I am having a hard time wrapping my head around how this happened without some sort of external catastrophic event.  Nothing I have read (of course I haven't read it all) seems like it would cause the collapse without significant warnings.  I think one of the engineers who evaluated it even said the same thing about the defects he saw.  My first thought was sink-hole, but I have seen nothing to indicate that.  It is telling that the apparent garage deck punch through occurred adjacent to the sections that collapsed but didn't have any apparent issues from above that level.  Maybe it was a result of the stress from the adjacent collapse.  I sincerely hope valid warnings were not ignored....by anybody.

I remember a building in South Korea that suffered a punch-through collapse.  The cause of that one is pretty easy to see.

https://en.wikipedia.org/wiki/Sampoong_Department_Store_collapse


----------



## jar546

In the news

Meanwhile, Surfside officials and engineers are concerned that recent construction of a nearby residential building may have contributed to instability at the Champlain Towers South and, according to one expert, could have potentially been “the straw that broke the camel’s back.”

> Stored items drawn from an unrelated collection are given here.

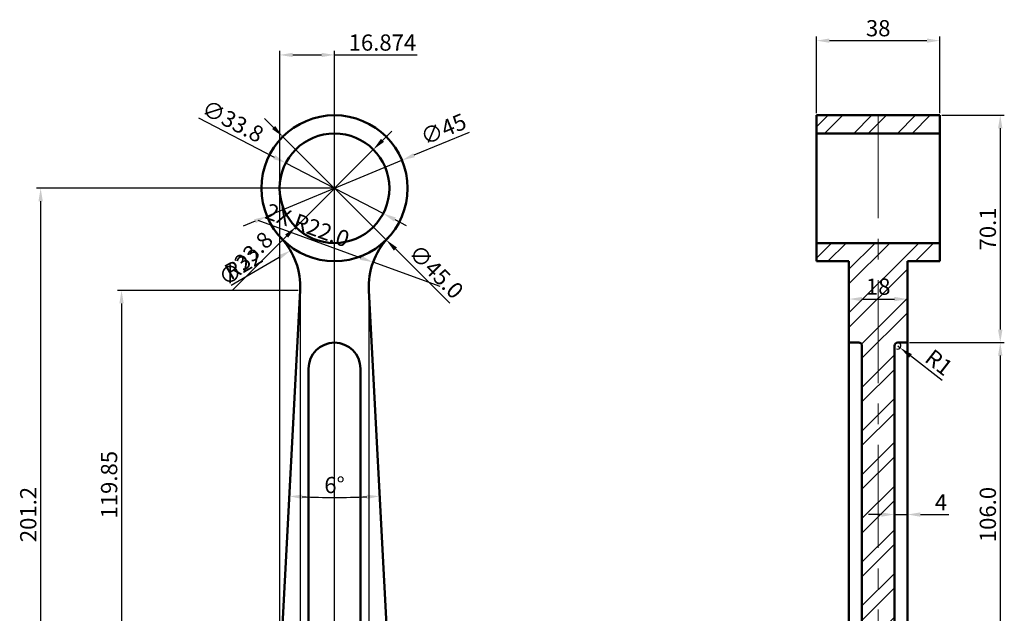
# Model space of a CAD drawing. Units: millimetres. Extents: x 3127 to 3430, y 1464 to 1830.
# Tile 2 of 2: x 3127 to 3430, y 1647 to 1830. Entities that reach past the tile are written whole.
import ezdxf

# ---------------------------------------------------------------- set-up
doc = ezdxf.new("R2010")
doc.units = ezdxf.units.MM
doc.linetypes.add('CENTER', pattern=[50.8, 31.75, -6.35, 6.35, -6.35])
for name, color, linetype, lineweight in [('M-CNTR', 1, 'CENTER', 18), ('M-DIMS', 2, 'Continuous', 25), ('M-HATC', 8, 'Continuous', 18), ('M-OUTL', 7, 'Continuous', 50)]:
    doc.layers.add(name, color=color, linetype=linetype, lineweight=lineweight)
doc.styles.get("Standard").update_dxf_attribs({"font": 'arial.ttf'})
doc.dimstyles.new('ISO-25', dxfattribs={"dimtxt": 5, "dimasz": 4, "dimexe": 1.25, "dimexo": 0.625, "dimtad": 1, "dimdsep": 46, "dimtxsty": 'Standard', "dimcen": 2.5, "dimadec": 0, "dimazin": 0, "dimtfac": 1, "dimtmove": 0, "dimatfit": 3, "dimfxl": 1, "dimarcsym": 0})

# ---------------------------------------------------------------- blocks, each defined once
blk = doc.blocks.new('*D3')
at = {"layer": 'Defpoints', "color": 0, "transparency": 16777216}
for p in [(3396.63, 1677.1), (3400.63, 1677.1), (3400.63, 1677.1)]:
    blk.add_point(p, dxfattribs=at)
at = {"layer": 'M-DIMS', "color": 0, "lineweight": -2, "transparency": 16777216}
for p, q in [((3396.63, 1677.72), (3396.63, 1678.35)), ((3400.63, 1677.72), (3400.63, 1678.35)), ((3392.63, 1677.1), (3388.63, 1677.1)), ((3396.63, 1677.1), (3400.63, 1677.1)), ((3404.63, 1677.1), (3413.34, 1677.1))]:
    blk.add_line(p, q, dxfattribs=at)
at = {"layer": 'M-DIMS', "color": 0, "transparency": 16777216}
for points in [[(3392.63, 1677.76), (3392.63, 1676.43), (3396.63, 1677.1)], [(3404.63, 1677.76), (3404.63, 1676.43), (3400.63, 1677.1)]]:
    blk.add_solid(points, dxfattribs=at)
at = {"layer": 'M-DIMS', "color": 0, "transparency": 16777216, "insert": (3410.98, 1680.22), "char_height": 5, "attachment_point": 5}
blk.add_mtext('4', dxfattribs=at)
blk = doc.blocks.new('*D12')
at = {"layer": 'Defpoints', "color": 0, "transparency": 16777216}
for p in [(3213.56, 1746.21), (3234.74, 1746.21), (3219.51, 1682.41), (3207.27, 1626.37), (3241.02, 1626.37)]:
    blk.add_point(p, dxfattribs=at)
at = {"layer": 'M-DIMS', "color": 0, "lineweight": -2, "transparency": 16777216}
blk.add_arc((3224.15, 1948.35), 265.98, 267.8617, 272.1383, dxfattribs=at)
at = {"layer": 'M-DIMS', "color": 0, "transparency": 16777216}
for points in [[(3214.19, 1681.89), (3214.25, 1683.22), (3210.23, 1682.73)], [(3234.04, 1683.22), (3234.1, 1681.89), (3238.07, 1682.73)]]:
    blk.add_solid(points, dxfattribs=at)
at = {"layer": 'M-DIMS', "color": 0, "transparency": 16777216, "insert": (3224.15, 1685.55), "char_height": 5, "attachment_point": 5}
blk.add_mtext('6°', dxfattribs=at)
blk = doc.blocks.new('*D13')
at = {"layer": 'Defpoints', "color": 0, "transparency": 16777216}
for p in [(3210.59, 1758.45), (3191.59, 1747.37)]:
    blk.add_point(p, dxfattribs=at)
at = {"layer": 'M-DIMS', "color": 0, "lineweight": -2, "transparency": 16777216}
blk.add_line((3192.32, 1747.8), (3207.13, 1756.43), dxfattribs=at)
at = {"layer": 'M-DIMS', "color": 0, "transparency": 16777216}
blk.add_solid([(3206.8, 1757.01), (3207.47, 1755.86), (3210.59, 1758.45)], dxfattribs=at)
at = {"layer": 'M-DIMS', "color": 0, "transparency": 16777216, "insert": (3196.42, 1753.82), "char_height": 5, "attachment_point": 5, "rotation": 30.2469}
blk.add_mtext('R22', dxfattribs=at)
blk = doc.blocks.new('*D14')
at = {"layer": 'Defpoints', "color": 0, "transparency": 16777216}
for p in [(3244.93, 1786.33), (3203.37, 1769.06)]:
    blk.add_point(p, dxfattribs=at)
at = {"layer": 'M-DIMS', "color": 0, "lineweight": -2, "transparency": 16777216}
for p, q in [((3265.64, 1794.93), (3248.62, 1787.86)), ((3203.37, 1769.06), (3244.93, 1786.33)), ((3199.68, 1767.53), (3195.98, 1766))]:
    blk.add_line(p, q, dxfattribs=at)
at = {"layer": 'M-DIMS', "color": 0, "transparency": 16777216}
for points in [[(3248.37, 1788.48), (3248.88, 1787.25), (3244.93, 1786.33)], [(3199.42, 1768.15), (3199.93, 1766.91), (3203.37, 1769.06)]]:
    blk.add_solid(points, dxfattribs=at)
at = {"layer": 'M-DIMS', "color": 0, "transparency": 16777216, "insert": (3257.95, 1795.33), "char_height": 5, "attachment_point": 5, "rotation": 22.5579}
blk.add_mtext('∅45', dxfattribs=at)
blk = doc.blocks.new('*D15')
at = {"layer": 'Defpoints', "color": 0, "transparency": 16777216}
for p in [(3209.14, 1785.47), (3239.16, 1769.92)]:
    blk.add_point(p, dxfattribs=at)
at = {"layer": 'M-DIMS', "color": 0, "lineweight": -2, "transparency": 16777216}
for p, q in [((3182.26, 1799.39), (3205.59, 1787.31)), ((3239.16, 1769.92), (3209.14, 1785.47)), ((3242.71, 1768.09), (3246.26, 1766.25))]:
    blk.add_line(p, q, dxfattribs=at)
at = {"layer": 'M-DIMS', "color": 0, "transparency": 16777216}
for points in [[(3205.9, 1787.9), (3205.28, 1786.71), (3209.14, 1785.47)], [(3243.01, 1768.68), (3242.4, 1767.49), (3239.16, 1769.92)]]:
    blk.add_solid(points, dxfattribs=at)
at = {"layer": 'M-DIMS', "color": 0, "transparency": 16777216, "insert": (3192.53, 1797.81), "char_height": 5, "attachment_point": 5, "rotation": 332.6249}
blk.add_mtext('∅33.8', dxfattribs=at)
blk = doc.blocks.new('*D16')
at = {"layer": 'Defpoints', "color": 0, "transparency": 16777216}
for p in [(3224.15, 1777.7), (3133.63, 1576.5), (3177.15, 1576.5)]:
    blk.add_point(p, dxfattribs=at)
at = {"layer": 'M-DIMS', "color": 0, "lineweight": -2, "transparency": 16777216}
for p, q in [((3223.52, 1777.7), (3132.38, 1777.7)), ((3133.63, 1773.7), (3133.63, 1580.5)), ((3176.52, 1576.5), (3132.38, 1576.5))]:
    blk.add_line(p, q, dxfattribs=at)
at = {"layer": 'M-DIMS', "color": 0, "transparency": 16777216}
for points in [[(3132.96, 1773.7), (3134.3, 1773.7), (3133.63, 1777.7)], [(3132.96, 1580.5), (3134.3, 1580.5), (3133.63, 1576.5)]]:
    blk.add_solid(points, dxfattribs=at)
at = {"layer": 'M-DIMS', "color": 0, "transparency": 16777216, "insert": (3130.45, 1677.1), "char_height": 5, "attachment_point": 5, "rotation": 90}
blk.add_mtext('201.2', dxfattribs=at)
blk = doc.blocks.new('*D17')
at = {"layer": 'Defpoints', "color": 0, "transparency": 16777216}
for p in [(3382.63, 1743.53), (3400.63, 1743.53), (3400.63, 1743.53)]:
    blk.add_point(p, dxfattribs=at)
at = {"layer": 'M-DIMS', "color": 0, "lineweight": -2, "transparency": 16777216}
for p, q in [((3382.63, 1744.15), (3382.63, 1744.78)), ((3400.63, 1744.15), (3400.63, 1744.78)), ((3386.63, 1743.53), (3396.63, 1743.53))]:
    blk.add_line(p, q, dxfattribs=at)
at = {"layer": 'M-DIMS', "color": 0, "transparency": 16777216}
for points in [[(3386.63, 1744.2), (3386.63, 1742.86), (3382.63, 1743.53)], [(3396.63, 1744.2), (3396.63, 1742.86), (3400.63, 1743.53)]]:
    blk.add_solid(points, dxfattribs=at)
at = {"layer": 'M-DIMS', "color": 0, "transparency": 16777216, "insert": (3391.63, 1746.71), "char_height": 5, "attachment_point": 5}
blk.add_mtext('18', dxfattribs=at)
blk = doc.blocks.new('*D18')
at = {"layer": 'Defpoints', "color": 0, "transparency": 16777216}
for p in [(3397.63, 1729.1), (3398.42, 1728.48)]:
    blk.add_point(p, dxfattribs=at)
at = {"layer": 'M-DIMS', "color": 0, "lineweight": -2, "transparency": 16777216}
for p, q in [((3397.63, 1729.1), (3398.42, 1728.48)), ((3411.32, 1718.44), (3401.58, 1726.03))]:
    blk.add_line(p, q, dxfattribs=at)
blk.add_arc((3397.63, 1729.1), 1, 250.5029, 54.1901, dxfattribs=at)
at = {"layer": 'M-DIMS', "color": 0, "transparency": 16777216}
blk.add_solid([(3401.99, 1726.55), (3401.17, 1725.5), (3398.42, 1728.48)], dxfattribs=at)
at = {"layer": 'M-DIMS', "color": 0, "transparency": 16777216, "insert": (3409.95, 1723.48), "char_height": 5, "attachment_point": 5, "rotation": 322.1226}
blk.add_mtext('R1', dxfattribs=at)
blk = doc.blocks.new('*D19')
at = {"layer": 'Defpoints', "color": 0, "transparency": 16777216}
for p in [(3410.63, 1823.21), (3372.63, 1800.2), (3410.63, 1800.2)]:
    blk.add_point(p, dxfattribs=at)
at = {"layer": 'M-DIMS', "color": 0, "lineweight": -2, "transparency": 16777216}
for p, q in [((3372.63, 1800.82), (3372.63, 1824.46)), ((3376.63, 1823.21), (3406.63, 1823.21)), ((3410.63, 1800.82), (3410.63, 1824.46))]:
    blk.add_line(p, q, dxfattribs=at)
at = {"layer": 'M-DIMS', "color": 0, "transparency": 16777216}
for points in [[(3376.63, 1823.88), (3376.63, 1822.54), (3372.63, 1823.21)], [(3406.63, 1823.88), (3406.63, 1822.54), (3410.63, 1823.21)]]:
    blk.add_solid(points, dxfattribs=at)
at = {"layer": 'M-DIMS', "color": 0, "transparency": 16777216, "insert": (3391.63, 1826.39), "char_height": 5, "attachment_point": 5}
blk.add_mtext('38', dxfattribs=at)
blk = doc.blocks.new('*D22')
at = {"layer": 'Defpoints', "color": 0, "transparency": 16777216}
for p in [(3410.63, 1800.2), (3400.63, 1730.1), (3429.23, 1730.1)]:
    blk.add_point(p, dxfattribs=at)
at = {"layer": 'M-DIMS', "color": 0, "lineweight": -2, "transparency": 16777216}
for p, q in [((3411.25, 1800.2), (3430.48, 1800.2)), ((3429.23, 1796.2), (3429.23, 1734.1)), ((3401.25, 1730.1), (3430.48, 1730.1))]:
    blk.add_line(p, q, dxfattribs=at)
at = {"layer": 'M-DIMS', "color": 0, "transparency": 16777216}
for points in [[(3428.56, 1796.2), (3429.9, 1796.2), (3429.23, 1800.2)], [(3428.56, 1734.1), (3429.9, 1734.1), (3429.23, 1730.1)]]:
    blk.add_solid(points, dxfattribs=at)
at = {"layer": 'M-DIMS', "color": 0, "transparency": 16777216, "insert": (3426.05, 1765.15), "char_height": 5, "attachment_point": 5, "rotation": 90}
blk.add_mtext('70.1', dxfattribs=at)
blk = doc.blocks.new('*D23')
at = {"layer": 'Defpoints', "color": 0, "transparency": 16777216}
for p in [(3400.63, 1730.1), (3400.63, 1624.1), (3429.23, 1624.1)]:
    blk.add_point(p, dxfattribs=at)
at = {"layer": 'M-DIMS', "color": 0, "lineweight": -2, "transparency": 16777216}
for p, q in [((3401.25, 1730.1), (3430.48, 1730.1)), ((3429.23, 1726.1), (3429.23, 1628.1)), ((3401.25, 1624.1), (3430.48, 1624.1))]:
    blk.add_line(p, q, dxfattribs=at)
at = {"layer": 'M-DIMS', "color": 0, "transparency": 16777216}
for points in [[(3428.56, 1726.1), (3429.9, 1726.1), (3429.23, 1730.1)], [(3428.56, 1628.1), (3429.9, 1628.1), (3429.23, 1624.1)]]:
    blk.add_solid(points, dxfattribs=at)
at = {"layer": 'M-DIMS', "color": 0, "transparency": 16777216, "insert": (3426.05, 1677.1), "char_height": 5, "attachment_point": 5, "rotation": 90}
blk.add_mtext('106.0', dxfattribs=at)
blk = doc.blocks.new('*D24')
at = {"layer": 'Defpoints', "color": 0, "transparency": 16777216}
for p in [(3213.56, 1746.21), (3234.74, 1746.21), (3234.74, 1469.62)]:
    blk.add_point(p, dxfattribs=at)
at = {"layer": 'M-DIMS', "color": 0, "lineweight": -2, "transparency": 16777216}
for p, q in [((3213.56, 1745.59), (3213.56, 1468.37)), ((3234.74, 1745.59), (3234.74, 1468.37)), ((3217.56, 1469.62), (3230.74, 1469.62)), ((3234.74, 1469.62), (3260.83, 1469.62))]:
    blk.add_line(p, q, dxfattribs=at)
at = {"layer": 'M-DIMS', "color": 0, "transparency": 16777216}
for points in [[(3217.56, 1470.29), (3217.56, 1468.96), (3213.56, 1469.62)], [(3230.74, 1470.29), (3230.74, 1468.96), (3234.74, 1469.62)]]:
    blk.add_solid(points, dxfattribs=at)
at = {"layer": 'M-DIMS', "color": 0, "transparency": 16777216, "insert": (3249.79, 1472.8), "char_height": 5, "attachment_point": 5}
blk.add_mtext('21.187', dxfattribs=at)
blk = doc.blocks.new('*D25')
at = {"layer": 'Defpoints', "color": 0, "transparency": 16777216}
for p in [(3224.15, 1818.8), (3207.27, 1626.37), (3224.15, 1603.5)]:
    blk.add_point(p, dxfattribs=at)
at = {"layer": 'M-DIMS', "color": 0, "lineweight": -2, "transparency": 16777216}
for p, q in [((3207.27, 1626.99), (3207.27, 1820.05)), ((3224.15, 1604.12), (3224.15, 1820.05)), ((3211.27, 1818.8), (3220.15, 1818.8)), ((3224.15, 1818.8), (3249.66, 1818.8))]:
    blk.add_line(p, q, dxfattribs=at)
at = {"layer": 'M-DIMS', "color": 0, "transparency": 16777216}
for points in [[(3211.27, 1819.46), (3211.27, 1818.13), (3207.27, 1818.8)], [(3220.15, 1819.46), (3220.15, 1818.13), (3224.15, 1818.8)]]:
    blk.add_solid(points, dxfattribs=at)
at = {"layer": 'M-DIMS', "color": 0, "transparency": 16777216, "insert": (3238.91, 1821.97), "char_height": 5, "attachment_point": 5}
blk.add_mtext('16.874', dxfattribs=at)
blk = doc.blocks.new('*D26')
at = {"layer": 'Defpoints', "color": 0, "transparency": 16777216}
for p in [(3213.56, 1746.21), (3158.55, 1626.37), (3207.27, 1626.37)]:
    blk.add_point(p, dxfattribs=at)
at = {"layer": 'M-DIMS', "color": 0, "lineweight": -2, "transparency": 16777216}
for p, q in [((3212.93, 1746.21), (3157.3, 1746.21)), ((3158.55, 1742.21), (3158.55, 1630.37)), ((3206.65, 1626.37), (3157.3, 1626.37))]:
    blk.add_line(p, q, dxfattribs=at)
at = {"layer": 'M-DIMS', "color": 0, "transparency": 16777216}
for points in [[(3157.88, 1742.21), (3159.22, 1742.21), (3158.55, 1746.21)], [(3157.88, 1630.37), (3159.22, 1630.37), (3158.55, 1626.37)]]:
    blk.add_solid(points, dxfattribs=at)
at = {"layer": 'M-DIMS', "color": 0, "transparency": 16777216, "insert": (3155.37, 1686.29), "char_height": 5, "attachment_point": 5, "rotation": 90}
blk.add_mtext('119.85', dxfattribs=at)
blk = doc.blocks.new('*D28')
at = {"layer": 'Defpoints', "color": 0, "transparency": 16777216}
for p in [(3208.23, 1793.6), (3240.07, 1761.79)]:
    blk.add_point(p, dxfattribs=at)
at = {"layer": 'M-DIMS', "color": 0, "lineweight": -2, "transparency": 16777216}
for p, q in [((3205.4, 1796.42), (3202.57, 1799.25)), ((3208.23, 1793.6), (3240.07, 1761.79)), ((3259.64, 1742.24), (3242.9, 1758.97))]:
    blk.add_line(p, q, dxfattribs=at)
at = {"layer": 'M-DIMS', "color": 0, "transparency": 16777216}
for points in [[(3205.87, 1796.9), (3204.93, 1795.95), (3208.23, 1793.6)], [(3243.37, 1759.44), (3242.43, 1758.49), (3240.07, 1761.79)]]:
    blk.add_solid(points, dxfattribs=at)
at = {"layer": 'M-DIMS', "color": 0, "transparency": 16777216, "insert": (3255.03, 1751.54), "char_height": 5, "attachment_point": 5, "rotation": 315.0282}
blk.add_mtext('∅45.0', dxfattribs=at)
blk = doc.blocks.new('*D29')
at = {"layer": 'Defpoints', "color": 0, "transparency": 16777216}
for p in [(3236.1, 1789.64), (3212.2, 1765.75)]:
    blk.add_point(p, dxfattribs=at)
at = {"layer": 'M-DIMS', "color": 0, "lineweight": -2, "transparency": 16777216}
for p, q in [((3238.93, 1792.47), (3241.76, 1795.3)), ((3236.1, 1789.64), (3212.2, 1765.75)), ((3192.62, 1746.17), (3209.37, 1762.92))]:
    blk.add_line(p, q, dxfattribs=at)
at = {"layer": 'M-DIMS', "color": 0, "transparency": 16777216}
for points in [[(3238.46, 1792.94), (3239.4, 1792), (3236.1, 1789.64)], [(3208.9, 1763.39), (3209.84, 1762.45), (3212.2, 1765.75)]]:
    blk.add_solid(points, dxfattribs=at)
at = {"layer": 'M-DIMS', "color": 0, "transparency": 16777216, "insert": (3197.23, 1755.48), "char_height": 5, "attachment_point": 5, "rotation": 44.993}
blk.add_mtext('∅33.8', dxfattribs=at)
blk = doc.blocks.new('*D30')
at = {"layer": 'Defpoints', "color": 0, "transparency": 16777216}
for p in [(3236.04, 1754.88), (3256.71, 1747.37)]:
    blk.add_point(p, dxfattribs=at)
at = {"layer": 'M-DIMS', "color": 0, "lineweight": -2, "transparency": 16777216}
for p, q in [((3200.48, 1767.81), (3232.28, 1756.25)), ((3256.71, 1747.37), (3236.04, 1754.88))]:
    blk.add_line(p, q, dxfattribs=at)
at = {"layer": 'M-DIMS', "color": 0, "transparency": 16777216}
blk.add_solid([(3232.51, 1756.88), (3232.05, 1755.62), (3236.04, 1754.88)], dxfattribs=at)
at = {"layer": 'M-DIMS', "color": 0, "transparency": 16777216, "insert": (3215.58, 1765.7), "char_height": 5, "attachment_point": 5, "rotation": 340.0179}
blk.add_mtext('2X R22.0', dxfattribs=at)

msp = doc.modelspace()

# ---------------------------------------------------------------- hatches: boundary and pattern name
at = {"layer": 'M-HATC'}
h = msp.add_hatch(dxfattribs=at)
h.set_pattern_fill('ANSI32', color=256)
h.paths.add_polyline_path([(3391.6295, 1800.1957), (3372.6295, 1800.1957), (3372.6295, 1794.5957), (3391.6295, 1794.5957)])
h.paths.add_polyline_path([(3410.6295, 1800.1957), (3391.6295, 1800.1957), (3391.6295, 1794.5957), (3410.6295, 1794.5957)])
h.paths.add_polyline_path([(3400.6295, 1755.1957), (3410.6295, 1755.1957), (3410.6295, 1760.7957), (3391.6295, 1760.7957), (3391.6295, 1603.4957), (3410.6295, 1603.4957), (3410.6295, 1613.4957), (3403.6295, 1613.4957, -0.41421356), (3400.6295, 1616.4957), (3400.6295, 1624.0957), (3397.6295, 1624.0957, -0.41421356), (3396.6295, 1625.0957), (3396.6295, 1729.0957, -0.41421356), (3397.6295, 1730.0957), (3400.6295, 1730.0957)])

“Construction of a neighboring building can certainly impact the conditions, particularly the foundation for an existing building,” Ben Schafer, a structural engineering professor and director of the Ralph S. O’Connor Sustainable Energy Institute at Johns Hopkins University in Baltimore, told ABC News on Tuesday. “A critical flaw or damage must have already existed in the Champlain Towers, but neighboring new construction could be the ‘straw that broke the camel’s back’ in terms of a precipitating event.”


----------



## ADAguy

Depends on who controls the gold in your community.


----------



## ADAguy

Sifu said:


> I am having a hard time wrapping my head around how this happened without some sort of external catastrophic event.  Nothing I have read (of course I haven't read it all) seems like it would cause the collapse without significant warnings.  I think one of the engineers who evaluated it even said the same thing about the defects he saw.  My first thought was sink-hole, but I have seen nothing to indicate that.  It is telling that the apparent garage deck punch through occurred adjacent to the sections that collapsed but didn't have any apparent issues from above that level.  Maybe it was a result of the stress from the adjacent collapse.  I sincerely hope valid warnings were not ignored....by anybody.
> 
> I remember a building in South Korea that suffered a punch-through collapse.  The cause of that one is pretty easy to see.
> 
> https://en.wikipedia.org/wiki/Sampoong_Department_Store_collapse


 How did I miss that one?


----------



## cda

I like the garage failed theory , than pulling down the building


----------



## jar546

cda said:


> I like the garage failed theory , than pulling down the building


So if I were to speculate based on news reports which included interviews and photographs, I would concur.  Column failures in the garage near and/or below the building.  Years of neglect and salt water intrusion.  Again, this is speculation and we know it will be months before a report is released.


----------



## jar546

Comment from engineering forum that really hits the mark when you see the amount of rebar that just pulled out of the concrete:



> The complete degloving of rebar is very concerning and makes me question the ductility of older reinforced concrete structures. There could be many reasons for this degloving; I don’t know how much how quickly a load is applied effects this, significant rust or millscale on the rebar, etc.


----------



## jar546

If you want to see the plans for the construction of Champlain Towers, here they are.



			https://www.townofsurfsidefl.gov/docs/default-source/default-document-library/town-clerk-documents/champlain-towers-south-public-records/8777-collins-ave-1979-plans.pdf?sfvrsn=bd2a1194_2


----------



## jar546

Part of the column schedule to take a look at .


----------



## jar546

Added penthouse same location as collapse.   Thoughts?


----------



## jar546

More food for thought by surviving eye-witness.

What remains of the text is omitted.